Today, the HGP seems almost quaint—what took 15 years and nearly $3 billion to complete in 2001 can now be accomplished in about a day for less than $10,000, and soon that cost will likely drop below $1000. (Indeed, that line may already be crossed, if only the sequencing process itself is considered.) The NHGRI Genome Sequencing Program estimates its per-genome cost is $7666. Illumina, whose HiSeq DNA sequencing systems produce the bulk of human genome sequence reads, offers its sequencing services for as little as $4000 in bulk, while Complete Genomics offers its genomes for $5000 or less.

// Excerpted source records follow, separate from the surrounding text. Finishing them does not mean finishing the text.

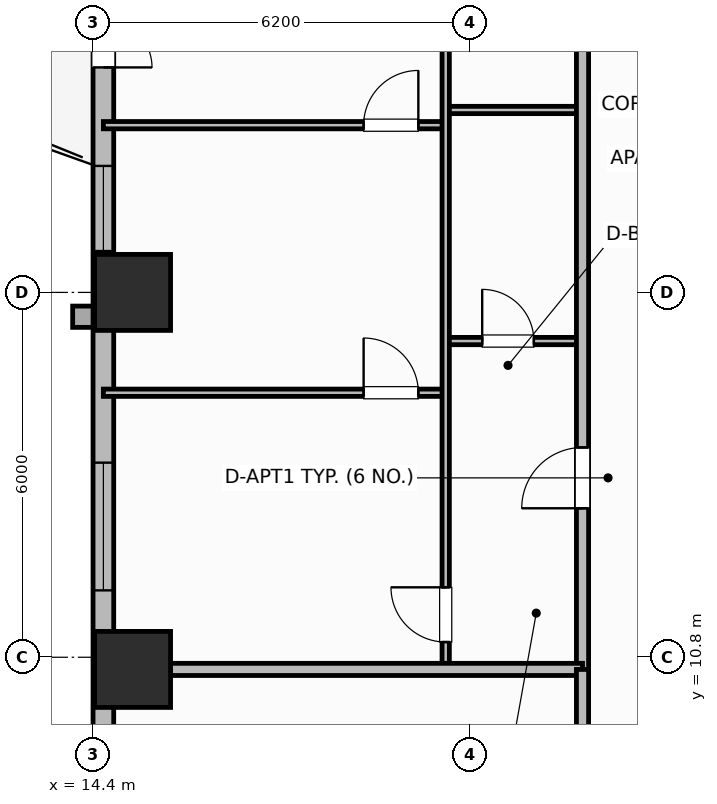
"""IFC4 building model, lengths in metres.
Left out: names, types, materials, properties, quantities, classifications, styles, units other than length and angle.
Written with IfcOpenShell. Run it as: python <this file> out.ifc"""

import sys

from ifc_helpers import new_model, si_unit, direction, frame, frame_2d, origin, origin_2d, place, context, subcontext, project, spatial, rectangle, extrude, element, fill, save


model = new_model("IFC4")
c1 = context("Model", 3, precision=1e-05, world=origin(), true_north=direction((0.0, 1.0)))
c2 = subcontext(c1, "Body", "Model", "MODEL_VIEW")
j1 = project(units=[si_unit("LENGTHUNIT", "METRE"), si_unit("PLANEANGLEUNIT", "RADIAN")], contexts=[c1])
p1 = place(None, origin())
s1 = spatial("IfcSite", under=j1, at=p1, CompositionType="ELEMENT")
p2 = place(p1, origin())
s2 = spatial("IfcBuilding", under=s1, at=p2, CompositionType="ELEMENT")
p3 = place(p2, frame((0.0, 0.0, 58.4)))
s3 = spatial("IfcBuildingStorey", under=s2, at=p3, CompositionType="ELEMENT", Elevation=58.4)
for number, where, z_axis, x_axis in (
    (1, (15.05, 10.6, 0.0), (0.0, 0.0, 1.0), (1.0, 0.0, 0.0)),
    (2, (15.05, 16.8, 0.0), (0.0, 0.0, 1.0), (1.0, 0.0, 0.0)),
):
    element("IfcColumn", number, at=place(p3, frame(where, z_axis=z_axis, x_axis=x_axis)), inside=s3, PredefinedType="COLUMN", context=c2, shape_type="SweptSolid", body=[
        extrude(rectangle(XDim=1.25, YDim=1.25, at=origin_2d()), origin(), (0.0, 0.0, 1.0), 3.7),
    ])
p4 = place(p3, frame((14.57, 23.8, 0.0), z_axis=(0.0, 0.0, 1.0), x_axis=(0.0, -1.0, 0.0)))
e3 = element("IfcWall", 3, at=p4, inside=s3, PredefinedType="SOLIDWALL", context=c2, shape_type="SweptSolid", body=[
    extrude(rectangle(XDim=14.8, YDim=0.34, at=frame_2d((7.4, 0.0))), origin(), (0.0, 0.0, 1.0), 2.7),
])
p5 = place(p4, frame((1.7, 0.0, 0.0)))
e4 = element("IfcOpeningElement", 4, at=p5, cuts=e3, PredefinedType="OPENING", context=c2, shape_type="SweptSolid", body=[
    extrude(rectangle(XDim=1.6, YDim=2.1, at=frame_2d((0.8, 1.05))), frame((0.0, 0.18, 0.0), z_axis=(0.0, -1.0, 0.0), x_axis=(1.0, 0.0, 0.0)), (0.0, 0.0, 1.0), 0.36),
])
p6 = place(p4, frame((4.92, 0.0, 0.69)))
e5 = element("IfcOpeningElement", 5, at=p6, cuts=e3, PredefinedType="OPENING", context=c2, shape_type="SweptSolid", body=[
    extrude(rectangle(XDim=1.4, YDim=1.85, at=frame_2d((0.7, 0.925))), frame((0.0, 0.18, 0.0), z_axis=(0.0, -1.0, 0.0), x_axis=(1.0, 0.0, 0.0)), (0.0, 0.0, 1.0), 0.36),
])
p7 = place(p4, frame((9.8, 0.0, 0.68)))
e6 = element("IfcOpeningElement", 6, at=p7, cuts=e3, PredefinedType="OPENING", context=c2, shape_type="SweptSolid", body=[
    extrude(rectangle(XDim=2.1, YDim=1.9, at=frame_2d((1.05, 0.95))), frame((0.0, 0.18, 0.0), z_axis=(0.0, -1.0, 0.0), x_axis=(1.0, 0.0, 0.0)), (0.0, 0.0, 1.0), 0.36),
])
p8 = place(p3, frame((20.2, 16.0, 0.0), z_axis=(0.0, 0.0, 1.0), x_axis=(1.0, 0.0, 0.0)))
e7 = element("IfcWall", 7, at=p8, inside=s3, PredefinedType="PARTITIONING", context=c2, shape_type="SweptSolid", body=[
    extrude(rectangle(XDim=2.25, YDim=0.12, at=frame_2d((1.125, 0.0))), origin(), (0.0, 0.0, 1.0), 2.53),
])
p9 = place(p8, frame((0.6, 0.0, 0.0)))
e8 = element("IfcOpeningElement", 8, at=p9, cuts=e7, PredefinedType="OPENING", context=c2, shape_type="SweptSolid", body=[
    extrude(rectangle(XDim=0.85, YDim=2.1, at=frame_2d((0.425, 1.05))), frame((0.0, 0.07, 0.0), z_axis=(0.0, -1.0, 0.0), x_axis=(1.0, 0.0, 0.0)), (0.0, 0.0, 1.0), 0.14),
])
p10 = place(p3, frame((20.2, 19.8, 0.0), z_axis=(0.0, 0.0, 1.0), x_axis=(1.0, 0.0, 0.0)))
e9 = element("IfcWall", 9, at=p10, inside=s3, PredefinedType="PARTITIONING", context=c2, shape_type="SweptSolid", body=[
    extrude(rectangle(XDim=2.25, YDim=0.12, at=frame_2d((1.125, 0.0))), origin(), (0.0, 0.0, 1.0), 2.53),
])
p11 = place(p3, frame((14.57, 15.15, 0.0), z_axis=(0.0, 0.0, 1.0), x_axis=(1.0, 0.0, 0.0)))
e10 = element("IfcWall", 10, at=p11, inside=s3, PredefinedType="PARTITIONING", context=c2, shape_type="SweptSolid", body=[
    extrude(rectangle(XDim=5.63, YDim=0.12, at=frame_2d((2.815, 0.0))), origin(), (0.0, 0.0, 1.0), 2.53),
])
p12 = place(p11, frame((4.28, 0.0, 0.0)))
e11 = element("IfcOpeningElement", 11, at=p12, cuts=e10, PredefinedType="OPENING", context=c2, shape_type="SweptSolid", body=[
    extrude(rectangle(XDim=0.9, YDim=2.1, at=frame_2d((0.45, 1.05))), frame((0.0, 0.07, 0.0), z_axis=(0.0, -1.0, 0.0), x_axis=(1.0, 0.0, 0.0)), (0.0, 0.0, 1.0), 0.14),
])
p13 = place(p3, frame((14.57, 19.55, 0.0), z_axis=(0.0, 0.0, 1.0), x_axis=(1.0, 0.0, 0.0)))
e12 = element("IfcWall", 12, at=p13, inside=s3, PredefinedType="PARTITIONING", context=c2, shape_type="SweptSolid", body=[
    extrude(rectangle(XDim=5.63, YDim=0.12, at=frame_2d((2.815, 0.0))), origin(), (0.0, 0.0, 1.0), 2.53),
])
p14 = place(p13, frame((4.28, 0.0, 0.0)))
e13 = element("IfcOpeningElement", 13, at=p14, cuts=e12, PredefinedType="OPENING", context=c2, shape_type="SweptSolid", body=[
    extrude(rectangle(XDim=0.9, YDim=2.1, at=frame_2d((0.45, 1.05))), frame((0.0, 0.07, 0.0), z_axis=(0.0, -1.0, 0.0), x_axis=(1.0, 0.0, 0.0)), (0.0, 0.0, 1.0), 0.14),
])
p15 = place(p3, frame((20.2, 10.64, 0.0), z_axis=(0.0, 0.0, 1.0), x_axis=(0.0, 1.0, 0.0)))
e14 = element("IfcWall", 14, at=p15, inside=s3, PredefinedType="PARTITIONING", context=c2, shape_type="SweptSolid", body=[
    extrude(rectangle(XDim=15.408, YDim=0.12, at=frame_2d((7.704, 0.0))), origin(), (0.0, 0.0, 1.0), 2.53),
])
p16 = place(p15, frame((0.41, 0.0, 0.0)))
e15 = element("IfcOpeningElement", 15, at=p16, cuts=e14, PredefinedType="OPENING", context=c2, shape_type="SweptSolid", body=[
    extrude(rectangle(XDim=0.9, YDim=2.1, at=frame_2d((0.45, 1.05))), frame((0.0, 0.07, 0.0), z_axis=(0.0, -1.0, 0.0), x_axis=(1.0, 0.0, 0.0)), (0.0, 0.0, 1.0), 0.14),
])
p17 = place(p15, frame((11.879, 0.0, 0.0)))
e16 = element("IfcOpeningElement", 16, at=p17, cuts=e14, PredefinedType="OPENING", context=c2, shape_type="SweptSolid", body=[
    extrude(rectangle(XDim=0.82, YDim=2.08, at=frame_2d((0.41, 1.04))), frame((0.0, 0.07, 0.0), z_axis=(0.0, -1.0, 0.0), x_axis=(1.0, 0.0, 0.0)), (0.0, 0.0, 1.0), 0.14),
])
p18 = place(p3, frame((22.45, 10.6, 0.0), z_axis=(0.0, 0.0, 1.0), x_axis=(0.0, 1.0, 0.0)))
e17 = element("IfcWall", 17, at=p18, inside=s3, PredefinedType="PARTITIONING", context=c2, shape_type="SweptSolid", body=[
    extrude(rectangle(XDim=35.2, YDim=0.2, at=frame_2d((17.6, 0.0))), origin(), (0.0, 0.0, 1.0), 2.53),
])
p19 = place(p18, frame((2.65, 0.0, 0.0)))
e18 = element("IfcOpeningElement", 18, at=p19, cuts=e17, PredefinedType="OPENING", context=c2, shape_type="SweptSolid", body=[
    extrude(rectangle(XDim=1.0, YDim=2.15, at=frame_2d((0.5, 1.075))), frame((0.0, 0.11, 0.0), z_axis=(0.0, -1.0, 0.0), x_axis=(1.0, 0.0, 0.0)), (0.0, 0.0, 1.0), 0.22),
])
p20 = place(p18, frame((19.438, 0.0, 0.0)))
e19 = element("IfcOpeningElement", 19, at=p20, cuts=e17, PredefinedType="OPENING", context=c2, shape_type="SweptSolid", body=[
    extrude(rectangle(XDim=1.0, YDim=2.15, at=frame_2d((0.5, 1.075))), frame((0.0, 0.11, 0.0), z_axis=(0.0, -1.0, 0.0), x_axis=(1.0, 0.0, 0.0)), (0.0, 0.0, 1.0), 0.22),
])
p21 = place(p3, frame((14.99, 10.6, 0.0), z_axis=(0.0, 0.0, 1.0), x_axis=(1.0, 0.0, 0.0)))
e20 = element("IfcWall", 20, at=p21, inside=s3, PredefinedType="PARTITIONING", context=c2, shape_type="SweptSolid", body=[
    extrude(rectangle(XDim=7.46, YDim=0.2, at=frame_2d((3.73, 0.0))), origin(), (0.0, 0.0, 1.0), 2.53),
])
p22 = place(p3, frame((22.45, 4.97, 0.0), z_axis=(0.0, 0.0, 1.0), x_axis=(0.0, 1.0, 0.0)))
e21 = element("IfcWall", 21, at=p22, inside=s3, PredefinedType="PARTITIONING", context=c2, shape_type="SweptSolid", body=[
    extrude(rectangle(XDim=5.63, YDim=0.2, at=frame_2d((2.815, 0.0))), origin(), (0.0, 0.0, 1.0), 2.53),
])
p23 = place(p5, origin())
e22 = element("IfcDoor", 22, at=p23, inside=s3, OperationType="DOUBLE_DOOR_SINGLE_SWING", PredefinedType="DOOR", context=c2, shape_type="SweptSolid", body=[
    extrude(rectangle(XDim=1.6, YDim=2.1, at=frame_2d((0.8, 1.05))), frame((0.0, 0.025, 0.0), z_axis=(0.0, -1.0, 0.0), x_axis=(1.0, 0.0, 0.0)), (0.0, 0.0, 1.0), 0.05),
])
fill(e4, e22)
p24 = place(p6, origin())
e23 = element("IfcWindow", 23, at=p24, inside=s3, PartitioningType="SINGLE_PANEL", PredefinedType="WINDOW", context=c2, shape_type="SweptSolid", body=[
    extrude(rectangle(XDim=1.4, YDim=1.85, at=frame_2d((0.7, 0.925))), frame((0.0, 0.03, 0.0), z_axis=(0.0, -1.0, 0.0), x_axis=(1.0, 0.0, 0.0)), (0.0, 0.0, 1.0), 0.06),
])
fill(e5, e23)
p25 = place(p7, origin())
e24 = element("IfcWindow", 24, at=p25, inside=s3, PartitioningType="SINGLE_PANEL", PredefinedType="WINDOW", context=c2, shape_type="SweptSolid", body=[
    extrude(rectangle(XDim=2.1, YDim=1.9, at=frame_2d((1.05, 0.95))), frame((0.0, 0.03, 0.0), z_axis=(0.0, -1.0, 0.0), x_axis=(1.0, 0.0, 0.0)), (0.0, 0.0, 1.0), 0.06),
])
fill(e6, e24)
p26 = place(p9, origin())
e25 = element("IfcDoor", 25, at=p26, inside=s3, OperationType="SINGLE_SWING_LEFT", PredefinedType="DOOR", context=c2, shape_type="SweptSolid", body=[
    extrude(rectangle(XDim=0.85, YDim=2.1, at=frame_2d((0.425, 1.05))), frame((0.0, 0.025, 0.0), z_axis=(0.0, -1.0, 0.0), x_axis=(1.0, 0.0, 0.0)), (0.0, 0.0, 1.0), 0.05),
])
fill(e8, e25)
p27 = place(p12, origin())
e26 = element("IfcDoor", 26, at=p27, inside=s3, OperationType="SINGLE_SWING_LEFT", PredefinedType="DOOR", context=c2, shape_type="SweptSolid", body=[
    extrude(rectangle(XDim=0.9, YDim=2.1, at=frame_2d((0.45, 1.05))), frame((0.0, 0.025, 0.0), z_axis=(0.0, -1.0, 0.0), x_axis=(1.0, 0.0, 0.0)), (0.0, 0.0, 1.0), 0.05),
])
fill(e11, e26)
p28 = place(p14, origin())
e27 = element("IfcDoor", 27, at=p28, inside=s3, OperationType="SINGLE_SWING_RIGHT", PredefinedType="DOOR", context=c2, shape_type="SweptSolid", body=[
    extrude(rectangle(XDim=0.9, YDim=2.1, at=frame_2d((0.45, 1.05))), frame((0.0, 0.025, 0.0), z_axis=(0.0, -1.0, 0.0), x_axis=(1.0, 0.0, 0.0)), (0.0, 0.0, 1.0), 0.05),
])
fill(e13, e27)
p29 = place(p16, origin())
e28 = element("IfcDoor", 28, at=p29, inside=s3, OperationType="SINGLE_SWING_RIGHT", PredefinedType="DOOR", context=c2, shape_type="SweptSolid", body=[
    extrude(rectangle(XDim=0.9, YDim=2.1, at=frame_2d((0.45, 1.05))), frame((0.0, 0.025, 0.0), z_axis=(0.0, -1.0, 0.0), x_axis=(1.0, 0.0, 0.0)), (0.0, 0.0, 1.0), 0.05),
])
fill(e15, e28)
p30 = place(p19, origin())
e29 = element("IfcDoor", 29, at=p30, inside=s3, OperationType="SINGLE_SWING_LEFT", PredefinedType="DOOR", context=c2, shape_type="SweptSolid", body=[
    extrude(rectangle(XDim=1.0, YDim=2.15, at=frame_2d((0.5, 1.075))), frame((0.0, 0.025, 0.0), z_axis=(0.0, -1.0, 0.0), x_axis=(1.0, 0.0, 0.0)), (0.0, 0.0, 1.0), 0.05),
])
fill(e18, e29)
save(model, sys.argv[1])

“2013 is likely to be the year where we see the $1000 genome. It's going to become that cheap to sequence the human genome,” predicted Daniel Franklin, executive editor of The Economist (and nephew of DNA pioneer Rosalind Franklin), in an online video (1) accompanying the magazine's “The World in 2013” issue. If nothing else, the barrier could fall this September when the $10 million Archon X Prize competition takes place. To claim the prize, a team must produce 100 human genome sequences in 30 days or less, at a maximum cost of $1000 per genome sequence (with an error rate of at least 10-6 and at least 98% completeness).
The concept of a $1000 genome was first articulated at the start of the millennium. It's a price point that a sequenced genome on par with a laptop computer or a clinical test—a psychologically pleasing, if not completely arbitrary, value. But just what does it mean?
“That is the first and best question on this topic,” says Chad Nusbaum, co-director of the Genome Sequencing and Analysis Program at the Broad Institute in Cambridge, MA. The term itself is nebulous: Is $1000 a cost or a price? Does it include only the cost of reagents or does it fold in sample preparation and labor? And what about the bioinformatics analyses, the genome interpretation, and long-term data storage?
The time has come to ask just what that $1000 will buy.
The $5000 genome
As a general rule, research and development (R&D) is most expensive at the start, when producing that first success comes at the cost of many initial failures. Subsequent attempts cost far less as failure rates fall, technology prices drop, and economies of scale kick in.
Genomics is no different. And if there is one sequencing facility that can count on economies of scale, it is the BGI in Shenzhen, China. BGI houses 128 HiSeq 2000 instruments, each capable of producing 600 gigabases (Gb) of sequence data per run. As the human genome is 3 billion base pairs long, achieving an average 30x coverage means researchers must collect around 90 Gb of sequence per genome. Thus, during each 10-day HiSeq 2000 run, scientists can, in theory, interrogate up to six human genomes, depending on coverage.
BGI declines to quote exact prices, but citing an online quote from Illumina for a New York–based medical school, Deputy Director Xun Xu estimates a single HiSeq 2000 run costs about $12,000 in consumables; assuming five samples per run, reagent costs run about $2400 per genome. That represents the bulk of genome sequencing cost today, Xu says; sample preparation and library construction are relatively inexpensive and largely automated, working out to $500 —1,000 per genome. In total, that adds up to around $3000 for reagents and labor, plus another $1000 or so for instrument depreciation.
Noting the apparent differences in genome pricing at different sequencing centers, Nusbaum —who also declines to quote a per-genome cost for the Broad Institute—says it is important to consider the “all-in” or “true” cost of sequencing: that is, not just the reagents, but factoring in everything from blood tubes to labor to instrument amortization. “You want to be very clear about how you are determining the cost,” Nusbaum explains. “There is a difference between the cost of doing the experiment, versus the true cost…for genomes, I think it's important to do the ‘true cost’.”